Лишь после того, как пару лет назад несколько моделей умерли от недоедания (все ради того, чтобы попасть на подиум и втиснуться в одежду «от кутюр»), самые смелые дизайнеры решились поддержать моделей plus-size (обладательниц размеров 48-54). За последние же месяцы популярность моделей «с формами» достигла пика. Даже самые именитые кутюрье выпустили их на подиум. Свою популярность вернули топ-модели 90-х - Эль Макферсон, Летиция Каста - обладательницы аппетитных форм по классическим канонам красоты. Новая волна моделей plus-size украсила обложки практически всех ведущих глянцевых журналов.

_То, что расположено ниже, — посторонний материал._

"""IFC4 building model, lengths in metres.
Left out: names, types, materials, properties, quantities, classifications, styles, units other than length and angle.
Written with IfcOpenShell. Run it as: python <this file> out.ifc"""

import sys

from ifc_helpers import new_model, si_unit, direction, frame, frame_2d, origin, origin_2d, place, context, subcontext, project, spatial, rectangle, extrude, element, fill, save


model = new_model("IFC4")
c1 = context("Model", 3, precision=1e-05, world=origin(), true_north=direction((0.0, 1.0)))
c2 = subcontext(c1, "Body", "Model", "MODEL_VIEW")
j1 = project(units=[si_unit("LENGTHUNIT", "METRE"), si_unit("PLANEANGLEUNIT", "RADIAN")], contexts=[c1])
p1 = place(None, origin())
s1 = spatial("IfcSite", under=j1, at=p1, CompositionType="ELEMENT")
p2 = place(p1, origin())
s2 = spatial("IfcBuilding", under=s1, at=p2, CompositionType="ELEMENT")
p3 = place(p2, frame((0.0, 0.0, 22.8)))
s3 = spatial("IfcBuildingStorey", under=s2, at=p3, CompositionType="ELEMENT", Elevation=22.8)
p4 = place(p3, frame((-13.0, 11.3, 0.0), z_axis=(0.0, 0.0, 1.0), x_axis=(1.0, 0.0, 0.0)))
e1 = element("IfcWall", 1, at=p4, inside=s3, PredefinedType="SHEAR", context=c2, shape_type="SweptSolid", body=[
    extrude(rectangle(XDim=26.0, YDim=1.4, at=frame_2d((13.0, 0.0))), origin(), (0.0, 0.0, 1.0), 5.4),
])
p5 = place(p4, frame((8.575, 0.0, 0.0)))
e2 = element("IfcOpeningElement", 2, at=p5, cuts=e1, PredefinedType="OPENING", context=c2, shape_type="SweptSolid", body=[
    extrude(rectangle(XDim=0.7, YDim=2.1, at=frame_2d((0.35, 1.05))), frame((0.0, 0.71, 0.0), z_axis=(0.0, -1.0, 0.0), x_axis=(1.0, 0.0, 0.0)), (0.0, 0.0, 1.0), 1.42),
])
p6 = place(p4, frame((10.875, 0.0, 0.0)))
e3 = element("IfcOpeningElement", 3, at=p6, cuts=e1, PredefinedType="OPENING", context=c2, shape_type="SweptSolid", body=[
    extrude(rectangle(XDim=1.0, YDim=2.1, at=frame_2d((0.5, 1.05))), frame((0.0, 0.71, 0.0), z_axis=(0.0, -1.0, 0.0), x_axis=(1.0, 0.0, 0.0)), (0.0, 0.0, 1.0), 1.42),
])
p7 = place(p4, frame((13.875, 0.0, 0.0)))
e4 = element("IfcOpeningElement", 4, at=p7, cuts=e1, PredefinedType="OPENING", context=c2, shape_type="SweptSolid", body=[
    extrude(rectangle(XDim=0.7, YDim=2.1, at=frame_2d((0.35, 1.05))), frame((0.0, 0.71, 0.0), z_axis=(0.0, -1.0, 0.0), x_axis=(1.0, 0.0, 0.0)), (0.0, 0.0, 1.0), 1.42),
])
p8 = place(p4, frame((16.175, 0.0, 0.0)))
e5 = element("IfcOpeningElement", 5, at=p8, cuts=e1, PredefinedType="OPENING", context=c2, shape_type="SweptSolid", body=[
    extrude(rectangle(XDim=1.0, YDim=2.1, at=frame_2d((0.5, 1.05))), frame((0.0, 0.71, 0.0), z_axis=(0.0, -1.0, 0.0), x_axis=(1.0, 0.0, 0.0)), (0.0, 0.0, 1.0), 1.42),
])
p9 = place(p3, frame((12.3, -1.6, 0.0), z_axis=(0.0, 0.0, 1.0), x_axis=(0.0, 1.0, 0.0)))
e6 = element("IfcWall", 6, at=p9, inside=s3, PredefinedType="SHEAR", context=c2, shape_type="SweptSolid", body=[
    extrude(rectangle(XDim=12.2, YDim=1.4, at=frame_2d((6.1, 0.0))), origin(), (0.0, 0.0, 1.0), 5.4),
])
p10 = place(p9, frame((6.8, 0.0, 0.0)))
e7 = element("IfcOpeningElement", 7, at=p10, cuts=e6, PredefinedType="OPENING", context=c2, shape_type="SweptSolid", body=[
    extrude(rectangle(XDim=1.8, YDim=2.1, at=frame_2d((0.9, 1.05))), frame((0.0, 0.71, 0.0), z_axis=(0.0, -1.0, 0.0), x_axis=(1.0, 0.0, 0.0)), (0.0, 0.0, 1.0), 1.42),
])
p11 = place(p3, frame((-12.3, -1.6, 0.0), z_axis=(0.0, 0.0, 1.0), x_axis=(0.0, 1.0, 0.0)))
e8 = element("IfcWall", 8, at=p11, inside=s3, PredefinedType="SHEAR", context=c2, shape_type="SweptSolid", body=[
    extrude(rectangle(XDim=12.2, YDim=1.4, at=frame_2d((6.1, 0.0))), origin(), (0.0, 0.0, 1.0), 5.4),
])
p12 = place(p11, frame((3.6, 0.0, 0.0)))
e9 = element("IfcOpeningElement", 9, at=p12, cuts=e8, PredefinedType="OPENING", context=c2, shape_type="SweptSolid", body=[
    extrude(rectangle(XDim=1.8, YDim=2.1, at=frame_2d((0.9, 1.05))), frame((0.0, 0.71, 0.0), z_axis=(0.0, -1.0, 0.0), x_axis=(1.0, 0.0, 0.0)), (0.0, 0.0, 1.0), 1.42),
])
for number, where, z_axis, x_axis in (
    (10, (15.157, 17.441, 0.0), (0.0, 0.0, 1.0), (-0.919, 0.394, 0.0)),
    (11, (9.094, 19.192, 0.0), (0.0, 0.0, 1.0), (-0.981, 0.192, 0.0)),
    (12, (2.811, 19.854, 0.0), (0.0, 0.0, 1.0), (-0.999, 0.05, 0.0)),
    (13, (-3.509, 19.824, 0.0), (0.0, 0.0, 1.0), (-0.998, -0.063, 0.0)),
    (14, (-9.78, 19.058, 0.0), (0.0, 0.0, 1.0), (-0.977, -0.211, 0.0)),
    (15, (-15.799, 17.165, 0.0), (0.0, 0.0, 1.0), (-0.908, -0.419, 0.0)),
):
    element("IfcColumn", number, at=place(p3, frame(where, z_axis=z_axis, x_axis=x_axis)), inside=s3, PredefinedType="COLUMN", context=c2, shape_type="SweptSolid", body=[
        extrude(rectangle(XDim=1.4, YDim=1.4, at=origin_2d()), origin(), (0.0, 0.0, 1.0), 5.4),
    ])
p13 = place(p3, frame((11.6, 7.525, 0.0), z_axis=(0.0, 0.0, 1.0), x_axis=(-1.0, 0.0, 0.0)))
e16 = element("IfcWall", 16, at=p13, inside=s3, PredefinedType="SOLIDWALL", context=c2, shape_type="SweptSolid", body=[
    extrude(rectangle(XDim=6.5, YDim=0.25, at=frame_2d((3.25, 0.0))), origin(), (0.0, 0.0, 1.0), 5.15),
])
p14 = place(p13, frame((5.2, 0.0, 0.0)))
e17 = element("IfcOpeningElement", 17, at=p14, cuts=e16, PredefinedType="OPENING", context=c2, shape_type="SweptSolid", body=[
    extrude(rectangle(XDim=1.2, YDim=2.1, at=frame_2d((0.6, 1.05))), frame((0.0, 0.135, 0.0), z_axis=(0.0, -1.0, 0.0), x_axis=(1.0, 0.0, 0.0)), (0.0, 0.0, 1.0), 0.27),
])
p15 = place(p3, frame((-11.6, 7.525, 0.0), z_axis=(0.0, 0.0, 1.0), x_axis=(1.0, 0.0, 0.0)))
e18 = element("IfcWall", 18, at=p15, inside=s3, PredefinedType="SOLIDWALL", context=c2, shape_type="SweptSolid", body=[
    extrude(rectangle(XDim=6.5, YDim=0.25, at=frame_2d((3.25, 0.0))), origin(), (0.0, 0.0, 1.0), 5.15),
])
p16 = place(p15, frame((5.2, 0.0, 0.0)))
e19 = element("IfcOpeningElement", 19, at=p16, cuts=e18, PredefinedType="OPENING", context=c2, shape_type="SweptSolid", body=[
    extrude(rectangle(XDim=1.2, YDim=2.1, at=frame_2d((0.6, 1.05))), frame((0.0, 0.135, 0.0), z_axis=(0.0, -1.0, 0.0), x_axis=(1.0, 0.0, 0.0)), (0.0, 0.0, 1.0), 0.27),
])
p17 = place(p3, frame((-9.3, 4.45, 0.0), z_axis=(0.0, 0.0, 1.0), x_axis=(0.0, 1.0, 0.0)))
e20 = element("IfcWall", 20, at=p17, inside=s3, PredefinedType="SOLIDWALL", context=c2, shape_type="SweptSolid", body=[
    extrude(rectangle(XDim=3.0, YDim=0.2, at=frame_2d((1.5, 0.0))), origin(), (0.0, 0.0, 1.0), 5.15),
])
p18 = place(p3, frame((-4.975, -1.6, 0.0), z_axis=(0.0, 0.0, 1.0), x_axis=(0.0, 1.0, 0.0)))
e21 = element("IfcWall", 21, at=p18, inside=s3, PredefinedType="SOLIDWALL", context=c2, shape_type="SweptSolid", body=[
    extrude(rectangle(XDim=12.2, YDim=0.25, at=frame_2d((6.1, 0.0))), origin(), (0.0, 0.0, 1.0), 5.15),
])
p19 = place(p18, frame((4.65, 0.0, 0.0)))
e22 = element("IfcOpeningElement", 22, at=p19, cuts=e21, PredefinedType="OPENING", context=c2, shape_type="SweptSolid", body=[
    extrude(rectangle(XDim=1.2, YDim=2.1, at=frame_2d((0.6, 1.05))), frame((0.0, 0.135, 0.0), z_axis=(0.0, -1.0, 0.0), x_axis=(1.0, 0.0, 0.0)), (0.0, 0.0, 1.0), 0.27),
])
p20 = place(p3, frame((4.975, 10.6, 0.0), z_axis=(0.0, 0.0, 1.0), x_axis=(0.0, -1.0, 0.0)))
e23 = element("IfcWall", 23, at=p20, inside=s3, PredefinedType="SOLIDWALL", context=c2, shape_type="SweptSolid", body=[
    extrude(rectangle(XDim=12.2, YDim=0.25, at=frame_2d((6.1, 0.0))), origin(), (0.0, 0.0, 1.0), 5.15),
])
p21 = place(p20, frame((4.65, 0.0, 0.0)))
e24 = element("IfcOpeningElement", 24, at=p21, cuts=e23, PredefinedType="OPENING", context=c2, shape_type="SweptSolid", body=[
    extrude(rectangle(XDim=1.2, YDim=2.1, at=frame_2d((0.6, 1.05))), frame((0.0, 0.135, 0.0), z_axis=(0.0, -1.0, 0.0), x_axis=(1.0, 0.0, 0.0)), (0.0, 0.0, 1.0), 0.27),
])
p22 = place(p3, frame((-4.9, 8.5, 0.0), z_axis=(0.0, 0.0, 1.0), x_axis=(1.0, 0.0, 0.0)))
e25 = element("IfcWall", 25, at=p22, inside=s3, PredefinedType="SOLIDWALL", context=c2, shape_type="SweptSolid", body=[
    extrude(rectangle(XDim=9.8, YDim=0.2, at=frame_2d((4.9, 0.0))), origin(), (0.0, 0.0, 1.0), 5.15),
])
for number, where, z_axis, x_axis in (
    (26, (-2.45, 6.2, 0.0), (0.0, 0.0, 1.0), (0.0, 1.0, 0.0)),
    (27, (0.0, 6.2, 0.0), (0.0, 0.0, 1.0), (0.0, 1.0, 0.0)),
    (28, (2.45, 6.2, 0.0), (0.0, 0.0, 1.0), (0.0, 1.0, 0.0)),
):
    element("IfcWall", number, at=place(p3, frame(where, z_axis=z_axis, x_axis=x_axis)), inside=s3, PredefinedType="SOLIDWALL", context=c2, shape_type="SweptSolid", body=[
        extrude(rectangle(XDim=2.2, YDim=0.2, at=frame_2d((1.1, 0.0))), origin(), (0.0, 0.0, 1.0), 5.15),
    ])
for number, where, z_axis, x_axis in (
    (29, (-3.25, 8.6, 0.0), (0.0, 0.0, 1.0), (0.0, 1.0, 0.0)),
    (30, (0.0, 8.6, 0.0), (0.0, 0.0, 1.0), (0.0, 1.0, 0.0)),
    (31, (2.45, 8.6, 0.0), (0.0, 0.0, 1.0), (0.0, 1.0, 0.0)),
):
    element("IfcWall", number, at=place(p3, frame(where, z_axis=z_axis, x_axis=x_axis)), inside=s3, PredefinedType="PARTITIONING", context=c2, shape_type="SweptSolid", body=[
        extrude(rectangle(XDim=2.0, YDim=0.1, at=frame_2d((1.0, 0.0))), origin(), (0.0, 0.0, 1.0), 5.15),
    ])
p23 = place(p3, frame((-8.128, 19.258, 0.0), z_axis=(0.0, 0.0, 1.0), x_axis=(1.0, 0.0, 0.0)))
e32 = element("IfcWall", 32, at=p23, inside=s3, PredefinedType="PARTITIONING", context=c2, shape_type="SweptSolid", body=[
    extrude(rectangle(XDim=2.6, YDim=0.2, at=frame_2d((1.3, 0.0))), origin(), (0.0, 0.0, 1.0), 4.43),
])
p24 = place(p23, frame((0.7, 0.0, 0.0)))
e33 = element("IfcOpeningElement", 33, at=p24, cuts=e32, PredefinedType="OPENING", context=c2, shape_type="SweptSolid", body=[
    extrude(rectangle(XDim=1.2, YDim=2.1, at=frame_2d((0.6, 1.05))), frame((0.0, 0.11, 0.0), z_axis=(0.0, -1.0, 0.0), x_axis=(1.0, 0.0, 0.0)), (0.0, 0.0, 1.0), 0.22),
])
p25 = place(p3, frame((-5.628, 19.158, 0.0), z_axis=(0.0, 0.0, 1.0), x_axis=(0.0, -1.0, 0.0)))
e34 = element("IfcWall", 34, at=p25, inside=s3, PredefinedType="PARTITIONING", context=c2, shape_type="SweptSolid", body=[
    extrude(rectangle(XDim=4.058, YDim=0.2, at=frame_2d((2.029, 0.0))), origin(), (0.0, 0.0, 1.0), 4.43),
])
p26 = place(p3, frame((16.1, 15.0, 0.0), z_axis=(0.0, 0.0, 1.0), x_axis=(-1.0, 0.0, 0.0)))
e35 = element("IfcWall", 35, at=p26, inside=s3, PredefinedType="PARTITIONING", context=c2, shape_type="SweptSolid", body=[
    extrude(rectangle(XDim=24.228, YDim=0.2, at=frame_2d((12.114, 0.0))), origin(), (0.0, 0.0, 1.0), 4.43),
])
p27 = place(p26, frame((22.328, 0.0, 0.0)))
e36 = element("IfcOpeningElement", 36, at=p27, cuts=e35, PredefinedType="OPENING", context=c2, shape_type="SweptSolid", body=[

На сайте итальянского Voque недавно появился специальный раздел Curvy (от англ. «пышный»), рассказывающий о знаменитостях немодельных размеров, модных съемках и марках plus-size одежды, а также дающий советы обладательницам пышных форм: как сочетать вещи, почему лучше не носить джинсы и даже что купить в новой коллекции конкретной марки. Девиз Vogue Curvy: "Красота может быть всех форм и размеров!"

Многие модные марки - как демократичные, так и эксклюзивные - стали выпускать одежду больших размеров. И теперь уже девушкам в весе несложно быть модными. Но все же слепо шествовать за модой тоже не стоит. Самое главное - подчеркнуть одеждой достоинства фигуры, а тогда обыграть базовый гардероб модными вещичками будет совсем легко.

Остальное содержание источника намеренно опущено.